This movie isn’t intended for mainstream audiences. Instead, it’s the hypnotic spectacle of the call of the bee. Silently, it opens on a woman, wading as she does to the hive, hiding from the camera’s reach. The lure of the bee sting sticks to their yellow shelter as the victor holds her treasure trove to the watchful camera. That an aspirational action of visual response should open the film comes as no surprise in an 80-minute mantra of silent, hopeful treats.
Nestled as she is with the bees of the Balkans, Hatidze Muratova lives in the hills, free from the constrains of electricity. Aiding her ailing mother, Muratova continues the lineage of bee-keeping by saddling the honeydew to sell in a village four hours walk away. Only the arrival of a rambunctious family, their roaring engines battering through the called airwaves, changes her meditative life, continuing the filmmakers journey to separate the mechanical from the natural. The film acts as visual poetry, sectioned as it is in unconventional norm. Muratova, the single woman, holds her pride as Hussein Sam, the proud family man surveying empty hungry mouths, competes with her income as honey-maker. It’s the battle of the sexes, the battle of equality, material modernity making the struggle more tangible for the viewer.
Superficial sympathies lie with Muratova, a practitioner with an ageing mother and attentive pup to care for. And then there’s Hussein, who works through his internal disrepair by repairing the destroyed iron cattle modes of transport. Acting as he does as entrepreneur is more practical than Hollywood Machiavellian. One long shot details the worries Muratova holds towards these new guests, tactfully, courtesies are made by all concerned. Though the story can be told in paragraphs, the film’s true strengths come in the doctrinal dealings of a tradition practised in antiquated reverie. The symbolism is cryptic, rife, sweet.
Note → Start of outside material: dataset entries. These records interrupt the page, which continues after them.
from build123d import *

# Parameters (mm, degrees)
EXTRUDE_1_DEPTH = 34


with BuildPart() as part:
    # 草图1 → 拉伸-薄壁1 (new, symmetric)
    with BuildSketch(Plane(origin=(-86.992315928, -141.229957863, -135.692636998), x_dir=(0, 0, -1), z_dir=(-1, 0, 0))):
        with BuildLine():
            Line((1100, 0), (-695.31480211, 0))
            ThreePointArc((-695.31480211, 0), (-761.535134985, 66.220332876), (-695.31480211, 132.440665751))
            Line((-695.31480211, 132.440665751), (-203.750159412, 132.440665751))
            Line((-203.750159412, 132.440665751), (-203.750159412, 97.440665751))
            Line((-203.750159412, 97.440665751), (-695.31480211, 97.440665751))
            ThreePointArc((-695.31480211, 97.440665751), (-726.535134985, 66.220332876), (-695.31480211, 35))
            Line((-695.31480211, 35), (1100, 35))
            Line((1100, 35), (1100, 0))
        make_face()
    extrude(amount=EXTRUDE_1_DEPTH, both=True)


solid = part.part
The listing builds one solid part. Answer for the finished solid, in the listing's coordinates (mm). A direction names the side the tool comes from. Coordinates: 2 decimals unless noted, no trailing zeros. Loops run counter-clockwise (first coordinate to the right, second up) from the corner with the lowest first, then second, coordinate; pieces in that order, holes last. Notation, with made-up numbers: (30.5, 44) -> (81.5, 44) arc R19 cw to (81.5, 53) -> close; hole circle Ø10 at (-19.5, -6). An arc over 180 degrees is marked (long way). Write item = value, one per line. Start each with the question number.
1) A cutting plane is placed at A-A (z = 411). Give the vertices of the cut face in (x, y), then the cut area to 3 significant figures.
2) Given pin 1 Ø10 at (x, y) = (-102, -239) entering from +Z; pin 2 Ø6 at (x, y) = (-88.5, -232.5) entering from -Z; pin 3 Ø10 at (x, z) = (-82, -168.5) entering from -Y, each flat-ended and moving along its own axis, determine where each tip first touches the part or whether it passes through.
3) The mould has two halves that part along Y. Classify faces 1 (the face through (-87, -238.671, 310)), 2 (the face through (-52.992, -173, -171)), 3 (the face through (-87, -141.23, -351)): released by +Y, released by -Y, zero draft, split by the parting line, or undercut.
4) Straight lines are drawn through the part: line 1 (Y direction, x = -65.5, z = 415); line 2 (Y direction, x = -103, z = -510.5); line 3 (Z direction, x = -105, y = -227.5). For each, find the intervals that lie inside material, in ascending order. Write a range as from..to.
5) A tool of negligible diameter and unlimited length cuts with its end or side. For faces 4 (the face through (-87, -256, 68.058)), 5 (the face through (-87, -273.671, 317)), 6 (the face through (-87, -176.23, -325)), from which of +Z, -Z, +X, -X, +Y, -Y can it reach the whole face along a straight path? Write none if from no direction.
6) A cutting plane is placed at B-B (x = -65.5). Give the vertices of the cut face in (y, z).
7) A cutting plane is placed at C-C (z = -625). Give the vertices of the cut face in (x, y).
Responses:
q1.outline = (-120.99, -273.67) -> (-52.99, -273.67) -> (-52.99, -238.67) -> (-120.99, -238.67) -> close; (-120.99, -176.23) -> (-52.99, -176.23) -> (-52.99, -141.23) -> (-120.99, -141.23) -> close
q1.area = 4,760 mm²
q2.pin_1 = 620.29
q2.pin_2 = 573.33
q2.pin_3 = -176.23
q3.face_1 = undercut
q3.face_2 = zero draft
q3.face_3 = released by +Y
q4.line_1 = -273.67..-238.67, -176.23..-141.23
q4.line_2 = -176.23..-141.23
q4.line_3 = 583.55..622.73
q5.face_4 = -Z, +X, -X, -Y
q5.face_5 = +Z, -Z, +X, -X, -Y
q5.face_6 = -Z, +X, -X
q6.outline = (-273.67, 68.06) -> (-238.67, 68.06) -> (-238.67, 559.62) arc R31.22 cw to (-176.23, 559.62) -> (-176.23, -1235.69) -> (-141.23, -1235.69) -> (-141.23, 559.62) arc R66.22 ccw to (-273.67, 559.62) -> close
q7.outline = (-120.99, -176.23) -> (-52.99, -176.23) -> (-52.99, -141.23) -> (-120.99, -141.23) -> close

Directors Tamara Kotevska and Ljubomir Stefanov directed the lightly lit naturalistic drama over a three year journey, carefully shared as it is to its audiences. In their ventures, they expose the courage, contradictions, characters and courtesies of a daily life. And as such, it measures a poetry in visual form. Staggering cinema.
Honeyland is in selected cinemas across the UK from Friday, September 13th. On VoD in January 2020.